Atualmente o ensino de História no Brasil passa por um amplo processo de reformulação, que inclui aspectos essenciais como o conteúdo, metodologias, teorias e a própria formação de professores. Com certeza do ponto de vista das ciências, a História é uma disciplina muito dinâmica que caracteriza-se por uma constante atualização com inclusão de novos saberes e conhecimentos adquiridos pelas pesquisas mais recentes ocorridas no transcorrer do tempo e não é de hoje que os professores, como eu, em sala de aula veem-se na posição de ter que ensinar aquilo que não aprenderam em sua instrução acadêmica. Mas para além dessa peculiaridade prática que afeta o exercício da profissão de professor de história, as atuais mudanças ocorrem dentro de um processo mais amplo de reformulação da educação brasileira como um todo. Iniciada com a aprovação da Lei de Diretrizes e Bases da Educação (LDB) em 1996, essa trajetória passou pela adoção das concepções genéricas de habilidades e competências em substituição aos antigos conteúdos que compunham os tradicionais programas vestibulares e continuam figurando nos sumários dos livros didáticos. Esse mesmo processo de mudanças criou o Exame Nacional do Ensino Médio (ENEM) e o transformou em instrumento de seleção e aprovação para o ingresso na educação superior. Por fim dentro dessa nova organização da educação, chegamos a aprovação (entre outras) da lei 10.639/2003 que inclui nos currículos escolares a obrigatoriedade do ensino da história e da cultura afro-brasileira.
O estabelecimento da obrigatoriedade do ensino da história africana nas redes de educação básica, parte de duas justificativas básicas: Em primeiro lugar o reconhecimento da importância e das fortes influências das culturas africanas na constituição do mundo globalizado contemporâneo, em especial na formação da cultura brasileira. E em segundo lugar no reconhecimento da negligenciação histórica com que se tratou o continente africano e os povos que o habitam e habitaram.
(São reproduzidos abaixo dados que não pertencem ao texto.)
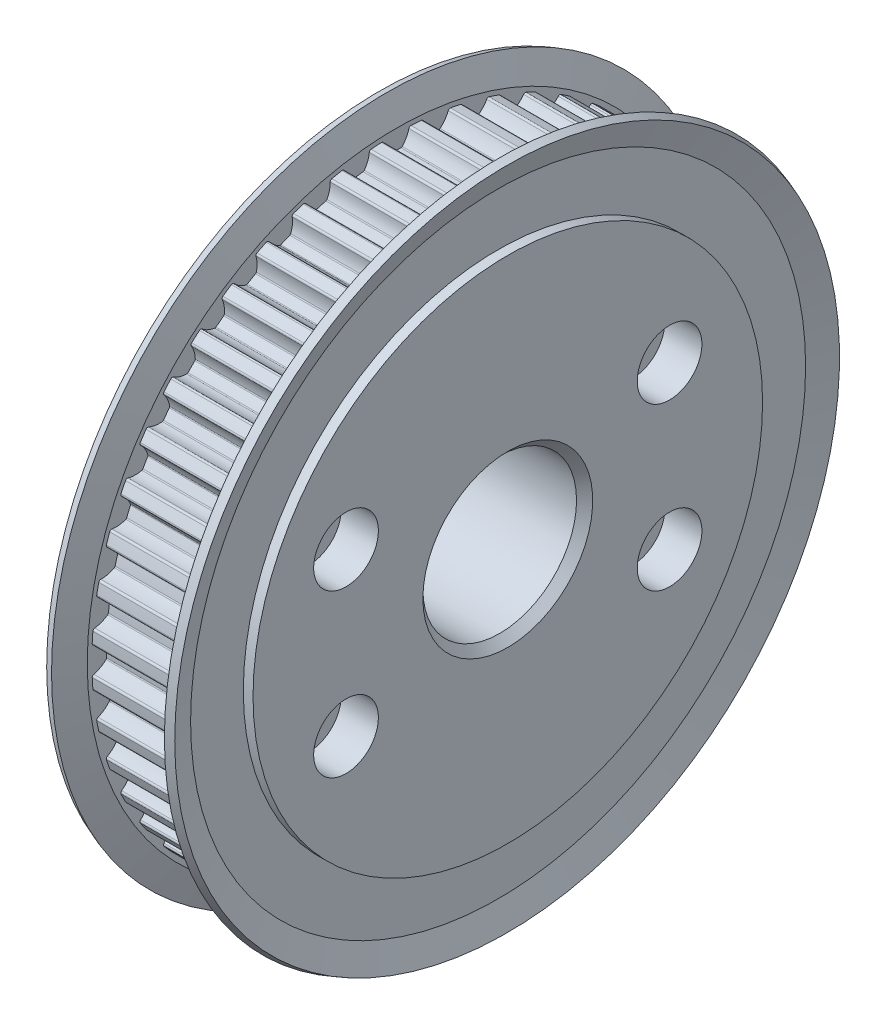
SolidWorks part; units mm, degrees
material "A7075"
ref_plane "Front Plane" through (0, 0, 0) normal (0, 0, 1) x (1, 0, 0)
ref_plane "Top Plane" through (0, 0, 0) normal (0, 1, 0) x (1, 0, 0)
ref_plane "Right Plane" through (0, 0, 0) normal (1, 0, 0) x (0, 0, -1)
sketch "Sketch1" plane through (0, 0, 0) normal (0, 0, 1) x (1, 0, 0)
  line L0 (0, 31.5) -> (0, 7.7)
  line L1 (0, 7.7) -> (0.2, 7.5)
  line L2 (0.2, 7.5) -> (27.8, 7.5)
  line L3 (27.8, 7.5) -> (28, 7.7)
  line L4 (28, 7.7) -> (28, 28.8)
  line L5 (28, 28.8) -> (27.8, 29)
  line L6 (27.8, 29) -> (16, 29)
  line L7 (16, 29) -> (16, 31.5)
  line L8 (16, 31.5) -> (14.8, 31.5)
  line L9 (14.8, 31.5) -> (14.8, 38.0191)
  line L10 (14.8, 38.0191) -> (15.9167, 41.0946)
  line L11 (15.9167, 41.0946) -> (14.9767, 41.4358)
  line L12 (14.9767, 41.4358) -> (13.8, 38.195)
  line L13 (13.8, 38.195) -> (2.2, 38.195)
  line L14 (2.2, 38.195) -> (1.0233, 41.4358)
  line L15 (1.0233, 41.4358) -> (0.0833, 41.0946)
  line L16 (0.0833, 41.0946) -> (1.2, 38.0191)
  line L17 (1.2, 38.0191) -> (1.2, 31.5)
  line L18 (1.2, 31.5) -> (0, 31.5)
  line L19 (28, 0) -> (0, 0) construction
revolve "Revolve1" add sketch "Sketch1" angle 360 about L19
sketch "Sketch2" plane through (0, 0, 0) normal (0, 0, 1) x (1, 0, 0)
  line L0 (16, 0) -> (16, 30)
  line L1 (16, 30) -> (28, 30)
  line L2 (28, 30) -> (28, 0)
  line L3 (28, 0) -> (16, 0)
  line L4 (28, 0) -> (16, 0) construction
revolve "Cut-Revolve1" cut sketch "Sketch2" angle 360 about L4
ref_plane "Plane1" through (2.2, 0, 0) normal (1, 0, 0) x (0, 0, -1)
sketch "Sketch3" plane through (2.2, 0, 0) normal (1, 0, 0) x (0, 0, -1)
  line L0 (-76.39, -76.39) -> (76.39, -76.39)
  line L1 (76.39, -76.39) -> (76.39, 76.39)
  line L2 (76.39, 76.39) -> (-76.39, 76.39)
  line L3 (-76.39, 76.39) -> (-76.39, -76.39)
  arc A0 (-37.5807, 1.8248) -> (-37.389, 1.5695) centre (-37.331, 1.8127) ccw
  arc A1 (-37.389, 1.5695) -> (-35.8722, 0.747) centre (-38.1589, -1.66) cw
  arc A2 (-35.8722, 0.747) -> (-35.81, 0.5986) centre (-36.01, 0.602) cw
  arc A3 (-35.81, 0.5986) -> (-35.81, -0.5986) centre (0, 0) ccw
  arc A4 (-35.81, -0.5986) -> (-35.8722, -0.747) centre (-36.01, -0.602) cw
  arc A5 (-35.8722, -0.747) -> (-37.389, -1.5695) centre (-38.1589, 1.66) cw
  arc A6 (-37.389, -1.5695) -> (-37.5807, -1.8248) centre (-37.331, -1.8127) ccw
  arc A7 (-37.5807, -1.8248) -> (-37.5444, -2.4608) centre (0, 0) ccw
  arc A8 (-37.5444, -2.4608) -> (-37.4974, -3.0961) centre (0, 0) ccw
  arc A9 (-37.4974, -3.0961) -> (-37.274, -3.3242) centre (-37.2482, -3.0755) ccw
  arc A10 (-37.274, -3.3242) -> (-35.6628, -3.9417) centre (-37.6158, -6.6265) cw
  arc A11 (-35.6628, -3.9417) -> (-35.5818, -4.0806) centre (-35.7805, -4.1034) cw
  arc A12 (-35.5818, -4.0806) -> (-35.4255, -5.2676) centre (0, 0) ccw
  arc A13 (-35.4255, -5.2676) -> (-35.4678, -5.4228) centre (-35.6233, -5.2971) cw
  arc A14 (-35.4678, -5.4228) -> (-36.8643, -6.4363) centre (-38.0491, -3.3349) cw
  arc A15 (-36.8643, -6.4363) -> (-37.021, -6.7145) centre (-36.775, -6.6698) ccw
  arc A16 (-37.021, -6.7145) -> (-36.902, -7.3403) centre (0, 0) ccw
  arc A17 (-36.902, -7.3403) -> (-36.7725, -7.964) centre (0, 0) ccw
  arc A18 (-36.7725, -7.964) -> (-36.5212, -8.161) centre (-36.5281, -7.9111) ccw
  arc A19 (-36.5212, -8.161) -> (-34.8432, -8.5629) centre (-36.429, -11.4797) cw
  arc A20 (-34.8432, -8.5629) -> (-34.7447, -8.6901) centre (-34.9388, -8.7386) cw
  arc A21 (-34.7447, -8.6901) -> (-34.4349, -9.8465) centre (0, 0) ccw
  arc A22 (-34.4349, -9.8465) -> (-34.4566, -10.0059) centre (-34.6272, -9.9015) cw
  arc A23 (-34.4566, -10.0059) -> (-35.7088, -11.193) centre (-37.2883, -8.2728) cw
  arc A24 (-35.7088, -11.193) -> (-35.8279, -11.4892) centre (-35.5898, -11.4129) ccw
  arc A25 (-35.8279, -11.4892) -> (-35.6282, -12.0942) centre (0, 0) ccw
  arc A26 (-35.6282, -12.0942) -> (-35.4184, -12.6956) centre (0, 0) ccw
  arc A27 (-35.4184, -12.6956) -> (-35.1435, -12.8581) centre (-35.183, -12.6113) ccw
  arc A28 (-35.1435, -12.8581) -> (-33.4275, -13.0376) centre (-34.619, -16.1364) cw
  arc A29 (-33.4275, -13.0376) -> (-33.3132, -13.1508) centre (-33.4992, -13.2243) cw
  arc A30 (-33.3132, -13.1508) -> (-32.855, -14.2569) centre (0, 0) ccw
  arc A31 (-32.855, -14.2569) -> (-32.8558, -14.4178) centre (-33.0385, -14.3366) cw
  arc A32 (-32.8558, -14.4178) -> (-33.9423, -15.7582) centre (-35.8895, -13.0691) cw
  arc A33 (-33.9423, -15.7582) -> (-34.0217, -16.0674) centre (-33.7957, -15.9607) ccw
  arc A34 (-34.0217, -16.0674) -> (-33.7448, -16.6411) centre (0, 0) ccw
  arc A35 (-33.7448, -16.6411) -> (-33.4583, -17.21) centre (0, 0) ccw
  arc A36 (-33.4583, -17.21) -> (-33.1646, -17.3353) centre (-33.2359, -17.0957) ccw
  arc A37 (-33.1646, -17.3353) -> (-31.4397, -17.2892) centre (-32.2166, -20.5171) cw
  arc A38 (-31.4397, -17.2892) -> (-31.3117, -17.3866) centre (-31.4865, -17.4837) cw
  arc A39 (-31.3117, -17.3866) -> (-30.7131, -18.4234) centre (0, 0) ccw
  arc A40 (-30.7131, -18.4234) -> (-30.6928, -18.583) centre (-30.8846, -18.5263) cw
  arc A41 (-30.6928, -18.583) -> (-31.5951, -20.0537) centre (-33.8766, -17.6419) cw
  arc A42 (-31.5951, -20.0537) -> (-31.6335, -20.3707) centre (-31.4233, -20.2353) ccw
  arc A43 (-31.6335, -20.3707) -> (-31.284, -20.9033) centre (0, 0) ccw
  arc A44 (-31.284, -20.9033) -> (-30.9257, -21.43) centre (0, 0) ccw
  arc A45 (-30.9257, -21.43) -> (-30.6181, -21.5158) centre (-30.7202, -21.2876) ccw
  arc A46 (-30.6181, -21.5158) -> (-28.9141, -21.245) centre (-29.263, -24.5466) cw
  arc A47 (-28.9141, -21.245) -> (-28.7744, -21.3248) centre (-28.9351, -21.4439) cw
  arc A48 (-28.7744, -21.3248) -> (-28.0456, -22.2747) centre (0, 0) ccw
  arc A49 (-28.0456, -22.2747) -> (-28.0046, -22.4302) centre (-28.2022, -22.399) cw
  arc A50 (-28.0046, -22.4302) -> (-28.7072, -24.0061) centre (-31.284, -21.9127) cw
  arc A51 (-28.7072, -24.0061) -> (-28.7039, -24.3254) centre (-28.5132, -24.1638) ccw
  arc A52 (-28.7039, -24.3254) -> (-28.288, -24.8079) centre (0, 0) ccw
  arc A53 (-28.288, -24.8079) -> (-27.8639, -25.2833) centre (0, 0) ccw
  arc A54 (-27.8639, -25.2833) -> (-27.5478, -25.3282) centre (-27.6788, -25.1153) ccw
  arc A55 (-27.5478, -25.3282) -> (-25.8937, -24.8373) centre (-25.8086, -28.1562) cw
  arc A56 (-25.8937, -24.8373) -> (-25.7448, -24.8982) centre (-25.8885, -25.0372) cw
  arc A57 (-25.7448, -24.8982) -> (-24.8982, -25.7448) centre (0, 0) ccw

O ilustre filósofo alemão Wilhelm Friedrich Hegel, que muito bem formulou e teorizou sobre o método dialético de compreensão da realidade, cometeu uma burrada homérica ao afirmar que “a África não tinha história” (ele chegou a ir mais longe nessa burrada e afirmou também que os africanos não podiam ser educados). Mas Hegel não estava sozinho em seu tempo. Muitos outros especialistas europeus sustentavam que os povos da África não podiam ser objeto de estudo científico, notadamente pela ausência de fontes e documentos escritos de sua história.
A ignorância é mãe de muitos preconceitos. Não é por que você nunca viu uma coisa, ou simplesmente a desconhece, que ela não existe. De fato a História da África tem despertado maior interesse e se desenvolvido nos continentes europeu e americano, muito recentemente e foi pela maior parte do tempo desconhecida dos filósofos, pensadores e pesquisadores desse “mundo ocidental”, que inseridos numa cultura marcadamente judaico-cristã e influenciados por conhecidos textos bíblicos, concluíram que ruínas descobertas no oriente médio eram evidências de que o Jardim do Éden estava localizado onde hoje é o Iraque e que portanto foi ali que surgiu, por vontade divina, a humanidade e o que se pode chamar de civilização. Na verdade estudos paleontológicos e arqueológicos mais atuais, ressaltam a África como "berço da humanidade".
O fato é que até as grandes navegações europeias do século XV e XVI, os europeus (que criaram no século XVII e XVIII a ciência como a conhecemos hoje) tinham contato apenas com a região do norte do continente africano, banhada pelo Mar Mediterrâneo que os tocava mutuamente. Esse pequeno norte africano separado do imenso sul pelo maior deserto do mundo o Saara é que foi chamado primeiramente de África, ou especificamente de província da áfrica, pelos romanos (talvez a origem seja o termo do latim áprica, que significa ensolarada). Essa África do norte, onde ficava o Egito antigo, ao oriente e a próspera Cartago, ao centro, desde a antiguidade, esteve exposta e sujeita aos povos indo europeus (brancos) que a colonizaram e conquistaram em constantes e sucessivas ondas, até “branquearem” sua população e converterem suas crenças. O sul do Saara era chamado genericamente de Etiópia ou Sudão (terra dos homens negros), um território simplesmente desconhecido, principalmente para os Europeus. Os árabes, navegando pelo Mar Vermelho, puderam conhecer (e em boa parte converter) a costa oeste do continente e as regiões ao sul do Saara, bem antes dos europeus.
Afora os Hicsos e os Persas, que vieram da Ásia e conquistaram o Egito antes dos europeus, foram os árabes que penetraram mais profundamente na África e puderam além de conhecer melhor e com mais exatidão toda a complexidade da vida naquele continente, marcar a a cultura e a história africana. São considerados os primeiros historiadores da África os islâmicos Ibn Khaldoun e Ibn Battuta, que além da tradicional peregrinação, de suas cidades natais em Túnis (atual Tunísia) e Tânger (atual Marrocos) respectivamente até Meca, realizaram viagens pela África e fora dela, deixando ambos, importantes relatos com observações sobre o que viram e presenciaram.
Os escritos de Ibn Khaldoun e Ibn Battuta, foram conhecidos pelos pensadores árabes antes de serem conhecidos pelos pensadores europeus, cujos cartógrafos dos séculos XV escreviam simplesmente em seus mapas da África a expressão “ibi sunt leones” (em latim: ai existem leões). De certo modo a expressão latina revelava um álibi para sua ignorância sobre aqueles lugares. Estava clara a mensagem, era uma região selvagem e perigosa. Mas navegando pelas beiradas os europeus acabaram descobrindo que além de leões, havia nesses lugares muito mais. Havia sal, marfim, metais, havia o ouro e haviam escravos. Foi o que precisava para se interessarem mais pelo lugar. Pelas riquezas materiais e pelas possibilidades de negócio para a burguesia é certo. O povo e sua história continuariam, se ainda não continuam, sendo desconsiderados. É hora do ocidente começar a se redimir frente a ignorância e aos preconceitos em relação a África.